7. But the view of the Court reflected in that judgment that seeking
financial assistance would not per se constitute demand for dowry has been
rejected by a later judgment of a three-Judge Bench of this Court in the
case of Rajinder Singh vs. State of Punjab (2015) 6 SCC 477. Upon
considering the case of Appasaheb (supra) and certain other authorities, it
was held in the case of Rajinder Singh (supra):-
“20. Given that the statute with which we are
dealing must be given a fair, pragmatic, and commonsense
interpretation so as to fulfil the object sought to
be achieved by Parliament, we feel that the judgment

in Appasaheb case followed by the judgment of Vipin
Jaiswal do not state the law correctly. We, therefore,
declare that any money or property or valuable
security demanded by any of the persons mentioned
in Section 2 of the Dowry Prohibition Act, at or
before or at any time after the marriage which is
reasonably connected to the death of a married
woman, would necessarily be in connection with or in
relation to the marriage unless, the facts of a given
case clearly and unequivocally point otherwise.”
(Non-Reportable)
IN THE SUPREME COURT OF INDIA
CRIMINAL APPELLATE JURISDICTION
CRIMINAL APPEAL NO. 1850 OF 2010

Jatinder Kumar  Vs.  State of Haryana 

ANIRUDDHA BOSE, J.
Dated:Dated: December 17, 2019

The appellant has been found to be guilty by the High Court of
Punjab & Haryana at Chandigarh, which finding affirms the judgment of
the Trial Court convicting him for commission of offences under the
provisions of Sections 304-B and 498-A of the Indian Penal Code 1860.
The offences were related to suicidal death of his wife, Meenakshi.

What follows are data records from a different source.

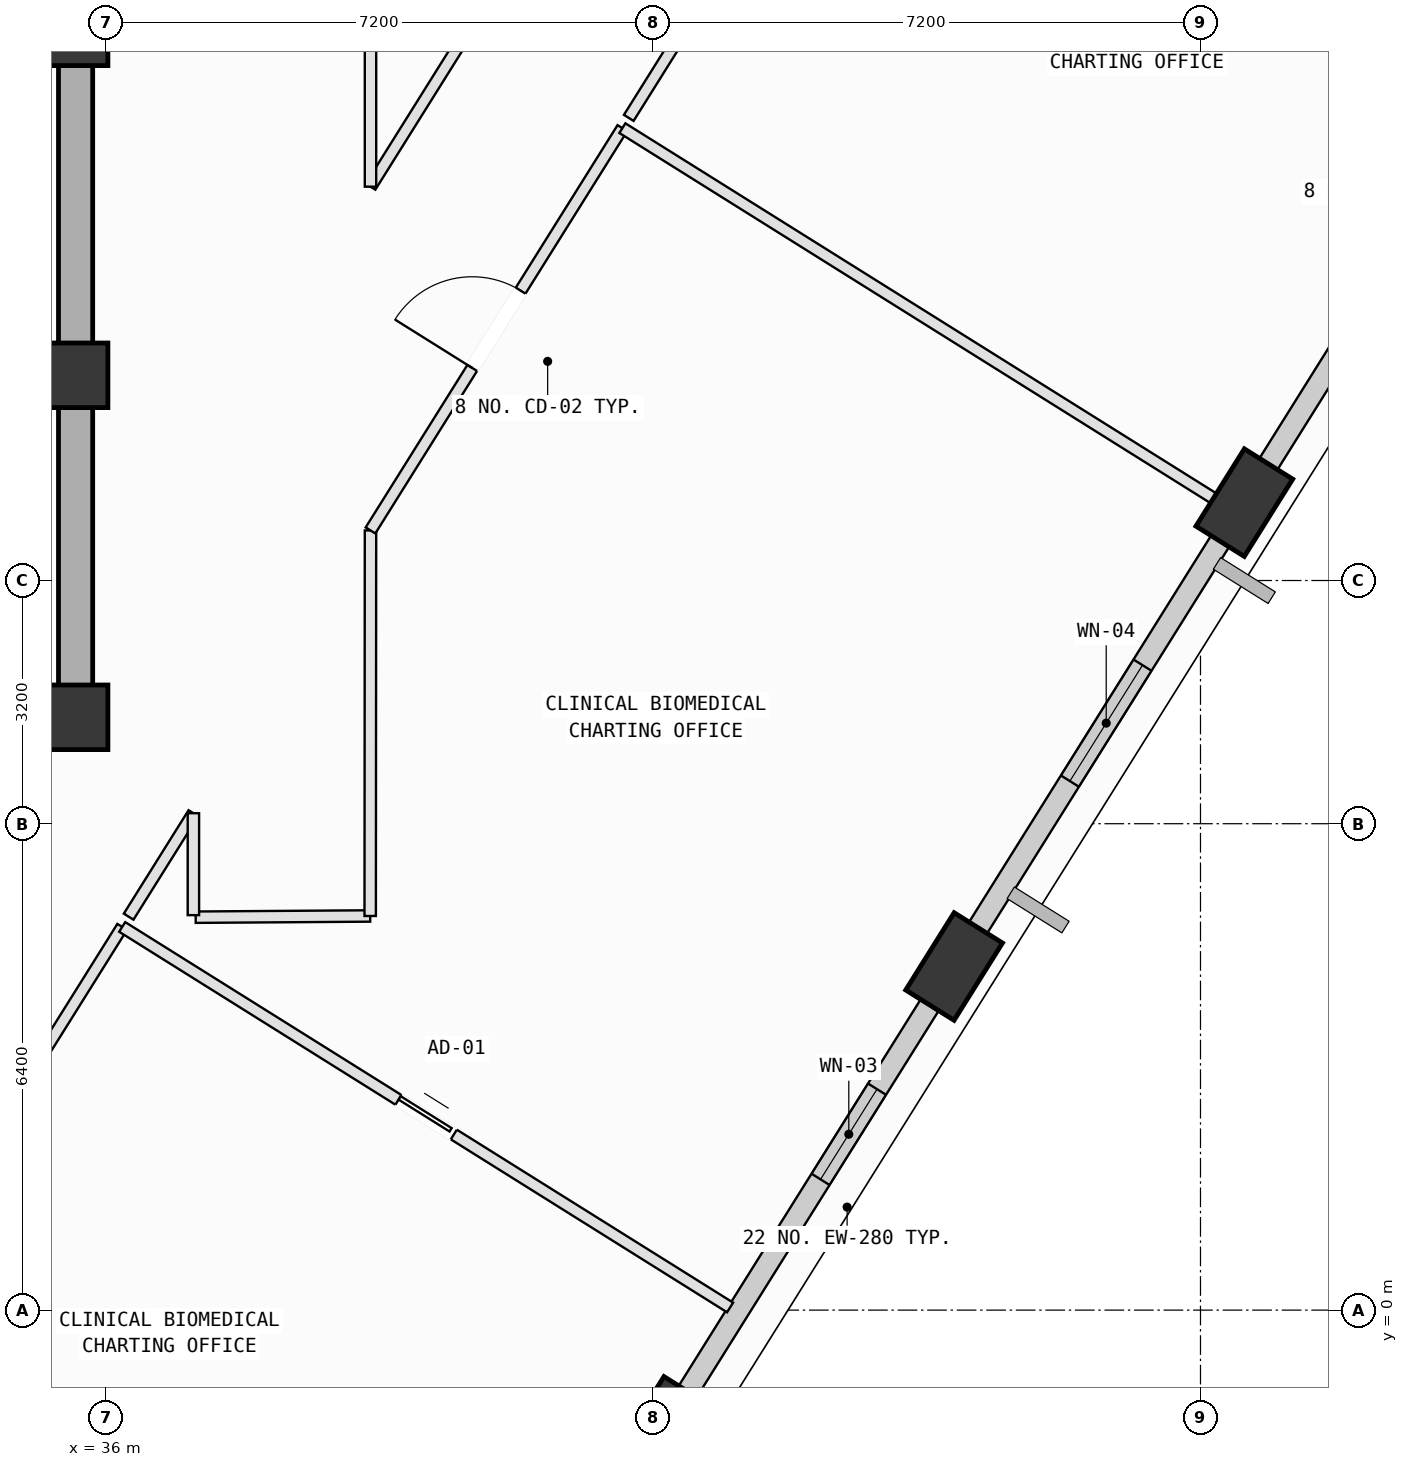
"""IFC4 building model, lengths in metres.
Left out: names, types, materials, properties, quantities, classifications, styles, units other than length and angle.
Written with IfcOpenShell. Run it as: python <this file> out.ifc"""

import sys

from ifc_helpers import new_model, si_unit, direction, frame, frame_2d, origin, origin_2d, place, context, subcontext, project, spatial, rectangle, extrude, element, fill, save


model = new_model("IFC4")
c1 = context("Model", 3, precision=1e-05, world=origin(), true_north=direction((0.0, 1.0)))
c2 = subcontext(c1, "Body", "Model", "MODEL_VIEW")
j1 = project(units=[si_unit("LENGTHUNIT", "METRE"), si_unit("PLANEANGLEUNIT", "RADIAN")], contexts=[c1])
p1 = place(None, origin())
s1 = spatial("IfcSite", under=j1, at=p1, CompositionType="ELEMENT")
p2 = place(p1, origin())
s2 = spatial("IfcBuilding", under=s1, at=p2, CompositionType="ELEMENT")
p3 = place(p2, frame((0.0, 0.0, 272.6)))
s3 = spatial("IfcBuildingStorey", under=s2, at=p3, CompositionType="ELEMENT", Elevation=272.6)
for number, where, z_axis, x_axis in (
    (1, (35.6, 7.8, 0.0), (0.0, 0.0, 1.0), (1.0, 0.0, 0.0)),
    (2, (35.6, 12.3, 0.0), (0.0, 0.0, 1.0), (1.0, 0.0, 0.0)),
    (3, (35.6, 16.8, 0.0), (0.0, 0.0, 1.0), (1.0, 0.0, 0.0)),
):
    element("IfcColumn", number, at=place(p3, frame(where, z_axis=z_axis, x_axis=x_axis)), inside=s3, PredefinedType="COLUMN", context=c2, shape_type="SweptSolid", body=[
        extrude(rectangle(XDim=0.85, YDim=0.85, at=origin_2d()), origin(), (0.0, 0.0, 1.0), 4.0),
    ])
p4 = place(p3, frame((43.341, -1.582, 0.084), z_axis=(0.108305309246, 0.040955268542, 0.99327369137), x_axis=(-0.97515853256, 0.19857987532, 0.098142088287)))
e4 = element("IfcColumn", 4, at=p4, inside=s3, PredefinedType="COLUMN", context=c2, shape_type="SweptSolid", body=[
    extrude(rectangle(XDim=1.2, YDim=0.75, at=origin_2d()), origin(), (0.0, 0.0, 1.0), 3.94),
])
p5 = place(p3, frame((47.158, 4.521, 0.073), z_axis=(0.083183965211, 0.05657004777, 0.994927262481), x_axis=(-0.995728841282, -0.035412464892, 0.085264482463)))
e5 = element("IfcColumn", 5, at=p5, inside=s3, PredefinedType="COLUMN", context=c2, shape_type="SweptSolid", body=[
    extrude(rectangle(XDim=1.2, YDim=0.75, at=origin_2d()), origin(), (0.0, 0.0, 1.0), 3.945),
])
p6 = place(p3, frame((50.977, 10.625, 0.068), z_axis=(0.05795606308, 0.072182204498, 0.995706193667), x_axis=(-0.942163536267, -0.325840094684, 0.078460841345)))
e6 = element("IfcColumn", 6, at=p6, inside=s3, PredefinedType="COLUMN", context=c2, shape_type="SweptSolid", body=[
    extrude(rectangle(XDim=1.2, YDim=0.75, at=origin_2d()), origin(), (0.0, 0.0, 1.0), 3.947),
])
p7 = place(p3, frame((47.044, 4.344, 0.0), z_axis=(0.0, 0.0, 1.0), x_axis=(-0.53066340858, -0.847582648946, 0.0)))
e7 = element("IfcWall", 7, at=p7, inside=s3, PredefinedType="SOLIDWALL", context=c2, shape_type="SweptSolid", body=[
    extrude(rectangle(XDim=6.439, YDim=0.28, at=frame_2d((3.219, 0.0))), origin(), (0.0, 0.0, 1.0), 3.265),
])
p8 = place(p7, frame((1.695, 0.0, 0.75)))
e8 = element("IfcOpeningElement", 8, at=p8, cuts=e7, PredefinedType="OPENING", context=c2, shape_type="SweptSolid", body=[
    extrude(rectangle(XDim=1.4, YDim=1.85, at=frame_2d((0.7, 0.925))), frame((0.0, 0.15, 0.0), z_axis=(0.0, -1.0, 0.0), x_axis=(1.0, 0.0, 0.0)), (0.0, 0.0, 1.0), 0.3),
])
p9 = place(p3, frame((50.86, 10.44, 0.0), z_axis=(0.0, 0.0, 1.0), x_axis=(-0.530676257758, -0.847574604063, 0.0)))
e9 = element("IfcWall", 9, at=p9, inside=s3, PredefinedType="SOLIDWALL", context=c2, shape_type="SweptSolid", body=[
    extrude(rectangle(XDim=6.414, YDim=0.28, at=frame_2d((3.207, 0.0))), origin(), (0.0, 0.0, 1.0), 3.265),
])
p10 = place(p9, frame((2.305, 0.0, 0.75)))
e10 = element("IfcOpeningElement", 10, at=p10, cuts=e9, PredefinedType="OPENING", context=c2, shape_type="SweptSolid", body=[
    extrude(rectangle(XDim=1.8, YDim=2.05, at=frame_2d((0.9, 1.025))), frame((0.0, 0.15, 0.0), z_axis=(0.0, -1.0, 0.0), x_axis=(1.0, 0.0, 0.0)), (0.0, 0.0, 1.0), 0.3),
])
p11 = place(p3, frame((54.681, 16.543, 0.0), z_axis=(0.0, 0.0, 1.0), x_axis=(-0.530659848468, -0.847584877888, 0.0)))
e11 = element("IfcWall", 11, at=p11, inside=s3, PredefinedType="SOLIDWALL", context=c2, shape_type="SweptSolid", body=[
    extrude(rectangle(XDim=6.407, YDim=0.28, at=frame_2d((3.204, 0.0))), origin(), (0.0, 0.0, 1.0), 3.265),
])
p12 = place(p11, frame((2.604, 0.0, 0.75)))
e12 = element("IfcOpeningElement", 12, at=p12, cuts=e11, PredefinedType="OPENING", context=c2, shape_type="SweptSolid", body=[
    extrude(rectangle(XDim=1.2, YDim=1.75, at=frame_2d((0.6, 0.875))), frame((0.0, 0.15, 0.0), z_axis=(0.0, -1.0, 0.0), x_axis=(1.0, 0.0, 0.0)), (0.0, 0.0, 1.0), 0.3),
])
p13 = place(p11, frame((0.637, 0.0, 0.75)))
e13 = element("IfcOpeningElement", 13, at=p13, cuts=e11, PredefinedType="OPENING", context=c2, shape_type="SweptSolid", body=[
    extrude(rectangle(XDim=1.2, YDim=1.75, at=frame_2d((0.6, 0.875))), frame((0.0, 0.15, 0.0), z_axis=(0.0, -1.0, 0.0), x_axis=(1.0, 0.0, 0.0)), (0.0, 0.0, 1.0), 0.3),
])
p14 = place(p3, frame((24.8, 7.8, 0.0), z_axis=(0.0, 0.0, 1.0), x_axis=(1.0, 0.0, 0.0)))
e14 = element("IfcWall", 14, at=p14, inside=s3, PredefinedType="SHEAR", context=c2, shape_type="SweptSolid", body=[
    extrude(rectangle(XDim=10.8, YDim=0.45, at=frame_2d((5.4, 0.0))), origin(), (0.0, 0.0, 1.0), 3.78),
])
p15 = place(p3, frame((35.6, 7.8, 0.0), z_axis=(0.0, 0.0, 1.0), x_axis=(0.0, 1.0, 0.0)))
e15 = element("IfcWall", 15, at=p15, inside=s3, PredefinedType="SHEAR", context=c2, shape_type="SweptSolid", body=[
    extrude(rectangle(XDim=9.0, YDim=0.45, at=frame_2d((4.5, 0.0))), origin(), (0.0, 0.0, 1.0), 3.78),
])
p16 = place(p3, frame((29.859, -5.108, 0.0), z_axis=(0.0, 0.0, 1.0), x_axis=(0.530618227444, 0.847610934748, 0.0)))
e16 = element("IfcWall", 16, at=p16, inside=s3, PredefinedType="PARTITIONING", context=c2, shape_type="SweptSolid", body=[
    extrude(rectangle(XDim=11.975, YDim=0.15, at=frame_2d((5.987, 0.0))), origin(), (0.0, 0.0, 1.0), 2.765),
])
p17 = place(p3, frame((36.213, 5.042, 0.0), z_axis=(0.0, 0.0, 1.0), x_axis=(0.84760270386, -0.530631375259, 0.0)))
e17 = element("IfcWall", 17, at=p17, inside=s3, PredefinedType="PARTITIONING", context=c2, shape_type="SweptSolid", body=[
    extrude(rectangle(XDim=9.436, YDim=0.15, at=frame_2d((4.718, 0.0))), origin(), (0.0, 0.0, 1.0), 2.765),
])
p18 = place(p17, frame((4.288, 0.0, 0.0)))
e18 = element("IfcOpeningElement", 18, at=p18, cuts=e17, PredefinedType="OPENING", context=c2, shape_type="SweptSolid", body=[
    extrude(rectangle(XDim=0.86, YDim=2.06, at=frame_2d((0.43, 1.03))), frame((0.0, 0.085, 0.0), z_axis=(0.0, -1.0, 0.0), x_axis=(1.0, 0.0, 0.0)), (0.0, 0.0, 1.0), 0.17),
])
p19 = place(p3, frame((37.18, 5.17, 0.0), z_axis=(0.0, 0.0, 1.0), x_axis=(0.999975377948, 0.007017371073, 0.0)))
e19 = element("IfcWall", 19, at=p19, inside=s3, PredefinedType="PARTITIONING", context=c2, shape_type="SweptSolid", body=[
    extrude(rectangle(XDim=2.296, YDim=0.15, at=frame_2d((1.148, 0.0))), origin(), (0.0, 0.0, 1.0), 3.78),
])
p20 = place(p3, frame((39.476, 5.186, 0.0), z_axis=(0.0, 0.0, 1.0), x_axis=(0.000770007953, 0.999999703544, 0.0)))
e20 = element("IfcWall", 20, at=p20, inside=s3, PredefinedType="PARTITIONING", context=c2, shape_type="SweptSolid", body=[
    extrude(rectangle(XDim=5.073, YDim=0.15, at=frame_2d((2.537, 0.0))), origin(), (0.0, 0.0, 1.0), 3.78),
])
p21 = place(p3, frame((39.48, 10.259, 0.0), z_axis=(0.0, 0.0, 1.0), x_axis=(0.530673487846, 0.84757633833, 0.0)))
e21 = element("IfcWall", 21, at=p21, inside=s3, PredefinedType="PARTITIONING", context=c2, shape_type="SweptSolid", body=[
    extrude(rectangle(XDim=6.245, YDim=0.15, at=frame_2d((3.123, 0.0))), origin(), (0.0, 0.0, 1.0), 3.78),
])
p22 = place(p21, frame((2.522, 0.0, 0.0)))
e22 = element("IfcOpeningElement", 22, at=p22, cuts=e21, PredefinedType="OPENING", context=c2, shape_type="SweptSolid", body=[
    extrude(rectangle(XDim=1.2, YDim=2.15, at=frame_2d((0.6, 1.075))), frame((0.0, 0.085, 0.0), z_axis=(0.0, -1.0, 0.0), x_axis=(1.0, 0.0, 0.0)), (0.0, 0.0, 1.0), 0.17),
])
p23 = place(p3, frame((42.794, 15.552, 0.0), z_axis=(0.0, 0.0, 1.0), x_axis=(0.84754648377, -0.530721167704, 0.0)))
e23 = element("IfcWall", 23, at=p23, inside=s3, PredefinedType="PARTITIONING", context=c2, shape_type="SweptSolid", body=[
    extrude(rectangle(XDim=9.447, YDim=0.15, at=frame_2d((4.724, 0.0))), origin(), (0.0, 0.0, 1.0), 3.78),
])
p24 = place(p3, frame((47.652, 4.882, 0.0), z_axis=(0.0, 0.0, 1.0), x_axis=(-0.530449748076, -0.847716382268, 0.0)))
e24 = element("IfcWall", 24, at=p24, inside=s3, PredefinedType="PARTITIONING", context=c2, shape_type="SweptSolid", body=[
    extrude(rectangle(XDim=0.779, YDim=0.15, at=frame_2d((0.389, 0.0))), origin(), (0.0, 0.0, 1.0), 3.265),
])
p25 = place(p3, frame((36.298, 5.177, 0.0), z_axis=(0.0, 0.0, 1.0), x_axis=(0.53050454214, 0.847682092986, 0.0)))
e25 = element("IfcWall", 25, at=p25, inside=s3, PredefinedType="PARTITIONING", context=c2, shape_type="SweptSolid", body=[
    extrude(rectangle(XDim=1.606, YDim=0.15, at=frame_2d((0.803, 0.0))), origin(), (0.0, 0.0, 1.0), 3.78),
])
p26 = place(p3, frame((37.15, 6.538, 0.0), z_axis=(0.0, 0.0, 1.0), x_axis=(0.0, -1.0, 0.0)))
e26 = element("IfcWall", 26, at=p26, inside=s3, PredefinedType="PARTITIONING", context=c2, shape_type="SweptSolid", body=[
    extrude(rectangle(XDim=1.341, YDim=0.15, at=frame_2d((0.67, 0.0))), origin(), (0.0, 0.0, 1.0), 3.78),
])
p27 = place(p3, frame((42.878, 15.687, 0.0), z_axis=(0.0, 0.0, 1.0), x_axis=(0.530687191851, 0.847567758002, 0.0)))
e27 = element("IfcWall", 27, at=p27, inside=s3, PredefinedType="PARTITIONING", context=c2, shape_type="SweptSolid", body=[
    extrude(rectangle(XDim=12.241, YDim=0.15, at=frame_2d((6.121, 0.0))), origin(), (0.0, 0.0, 1.0), 3.415),
])
p28 = place(p27, frame((5.521, 0.0, 0.0)))
e28 = element("IfcOpeningElement", 28, at=p28, cuts=e27, PredefinedType="OPENING", context=c2, shape_type="SweptSolid", body=[
    extrude(rectangle(XDim=1.2, YDim=2.15, at=frame_2d((0.6, 1.075))), frame((0.0, 0.085, 0.0), z_axis=(0.0, -1.0, 0.0), x_axis=(1.0, 0.0, 0.0)), (0.0, 0.0, 1.0), 0.17),
])
p29 = place(p3, frame((51.476, 10.991, 0.0), z_axis=(0.0, 0.0, 1.0), x_axis=(-0.530036692051, -0.847974707806, 0.0)))
e29 = element("IfcWall", 29, at=p29, inside=s3, PredefinedType="PARTITIONING", context=c2, shape_type="SweptSolid", body=[
    extrude(rectangle(XDim=0.581, YDim=0.15, at=frame_2d((0.291, 0.0))), origin(), (0.0, 0.0, 1.0), 3.265),
])
p30 = place(p3, frame((42.514, 19.628, 0.0), z_axis=(0.0, 0.0, 1.0), x_axis=(-0.530655141338, -0.847587824931, 0.0)))
e30 = element("IfcWall", 30, at=p30, inside=s3, PredefinedType="PARTITIONING", context=c2, shape_type="SweptSolid", body=[
    extrude(rectangle(XDim=5.717, YDim=0.15, at=frame_2d((2.859, 0.0))), origin(), (0.0, 0.0, 1.0), 3.78),
])
p31 = place(p3, frame((39.48, 14.782, 0.0), z_axis=(0.0, 0.0, 1.0), x_axis=(0.0, 1.0, 0.0)))
e31 = element("IfcWall", 31, at=p31, inside=s3, PredefinedType="PARTITIONING", context=c2, shape_type="SweptSolid", body=[
    extrude(rectangle(XDim=6.071, YDim=0.15, at=frame_2d((3.036, 0.0))), origin(), (0.0, 0.0, 1.0), 3.78),
])
p32 = place(p8, origin())
e32 = element("IfcWindow", 32, at=p32, inside=s3, PartitioningType="SINGLE_PANEL", PredefinedType="WINDOW", context=c2, shape_type="SweptSolid", body=[
    extrude(rectangle(XDim=1.4, YDim=1.85, at=frame_2d((0.7, 0.925))), frame((0.0, 0.03, 0.0), z_axis=(0.0, -1.0, 0.0), x_axis=(1.0, 0.0, 0.0)), (0.0, 0.0, 1.0), 0.06),
])
fill(e8, e32)
p33 = place(p10, origin())
e33 = element("IfcWindow", 33, at=p33, inside=s3, PartitioningType="SINGLE_PANEL", PredefinedType="WINDOW", context=c2, shape_type="SweptSolid", body=[
    extrude(rectangle(XDim=1.8, YDim=2.05, at=frame_2d((0.9, 1.025))), frame((0.0, 0.03, 0.0), z_axis=(0.0, -1.0, 0.0), x_axis=(1.0, 0.0, 0.0)), (0.0, 0.0, 1.0), 0.06),
])
fill(e10, e33)
p34 = place(p22, origin())
e34 = element("IfcDoor", 34, at=p34, inside=s3, OperationType="SINGLE_SWING_LEFT", PredefinedType="DOOR", context=c2, shape_type="SweptSolid", body=[
    extrude(rectangle(XDim=1.2, YDim=2.15, at=frame_2d((0.6, 1.075))), frame((0.0, 0.025, 0.0), z_axis=(0.0, -1.0, 0.0), x_axis=(1.0, 0.0, 0.0)), (0.0, 0.0, 1.0), 0.05),
])
fill(e22, e34)
p35 = place(p18, origin())
e35 = element("IfcDoor", 35, at=p35, inside=s3, OperationType="SLIDING_TO_LEFT", PredefinedType="DOOR", context=c2, shape_type="SweptSolid", body=[
    extrude(rectangle(XDim=0.86, YDim=2.06, at=frame_2d((0.43, 1.03))), frame((0.0, 0.025, 0.0), z_axis=(0.0, -1.0, 0.0), x_axis=(1.0, 0.0, 0.0)), (0.0, 0.0, 1.0), 0.05),
])
fill(e18, e35)
save(model, sys.argv[1])

The
High Court, however, set aside his conviction under Section 306 of the
Code by the Trial Court. The appellant was charged for subjecting his
deceased wife Meenakshi to cruelty or harassment in connection with
demand for dowry coupled with cruelty during the subsistence of her

marriage during her stay in her matrimonial home at Mullana in the Ambala
district, Haryana. Charge was also framed against him for abetting
Meenakshi’s suicide. She had committed suicide in the night of 20th
September 1991. Her marriage with the appellant was solemnised on 7th
March 1991. On 20th September 1991, the deceased victim had come to her
parental home to attend “pagree ceremony” of a relative and ultimately
returned to her matrimonial home along with the appellant on that very
evening. The mother and two brothers of the appellant were also implicated
with the same charges and convicted by the Trial Court. The High Court,
however, acquitted them.
2. The father of the deceased, Som Prakash (PW-1) received a message
on that very night from another relative of his, Parveen Kumar (PW-4) that
his daughter, Meenakshi had been taken to the Civil Hospital, Ambala. She
was found dead in the said hospital. The cause of death was consumption of
aluminium phosphide. In early morning of 21st September 1991(2.30 A.M.),
father of the deceased (PW-1) lodged the First Information Report. On the
basis of statement of P.W.1 recorded by the SHO/SI of Police Station
Mullana, Kewal Krishan (P.W.7), said First Information Report was
registered. The P.W.1 implicated, along with the appellant, his mother, two
brothers Atul Mittal and Anil Kumar of subjecting the victim to various

types of torture for not bringing sufficient dowry. In his statement, as
recorded, he said that before marriage, Anil Kumar, along with the
appellant, made the demand of Rs. 1,00,000/- for purchasing a Maruti
vehicle. He has also stated in his deposition that he spent a sum of Rs.
2,50,000/- in marriage ceremony of his daughter. He also stated in his
deposition that taunting of her daughter had continued for bringing
insufficient dowry. Moreover, on certain occasions of bereavement in the
family, PW-1 stated in his examination-in-chief, that Meenakshi was not
allowed to visit her parental home and on other occasions, his relations
were not allowed to meet her in the matrimonial home either. Further
demand of dowry was made, according to him, to help the appellant in
respect of his clinic, in response to which PW-1 gave Rs.20,000/- to his
daughter for her well-being. The statement forming the basis of F.I.R.
broadly corresponds to the deposition of PW-1 and there has been no major
contradiction or discrepancy between the version of the P.W.1 concerning
the antecedents and circumstances of Meenakshi’s death in the F.I.R.
statement and P.W.1’s witness statement.
3. Charges were framed under Sections 306, 406, 304-B and 498-A of
the Code before the Trial Court against all the persons arraigned as accused
in the F.I.R., following charge-sheet submitted by the police on completion

of investigation. Altogether seven witnesses were examined by the
prosecution, of which four were witnesses of fact. All of these four,
however, were near or distant relatives of the deceased. The father of the
deceased deposed as PW-1 whereas her paternal uncle, Bharat Bhushan
was examined and he deposed as PW-2. We have already referred to
Parveen Kumar, who appears to be a relative of the deceased and also the
mediator in the marriage. He was examined as PW-4 and one Rajat Kumar,
maternal cousin of the deceased, deposed as PW-5. There were two police
witnesses, Jeet Ram (PW-3) and Kewal Krishan, the Investigating Officer
who deposed as PW-7. PW-6 was Dr. Tarsem Kumar Monga, the Medical
Officer of Civil Hospital, Ambala Cantonment who had conducted postmortem
of the deceased along with two other doctors, P.S. Ahuja and Mrs.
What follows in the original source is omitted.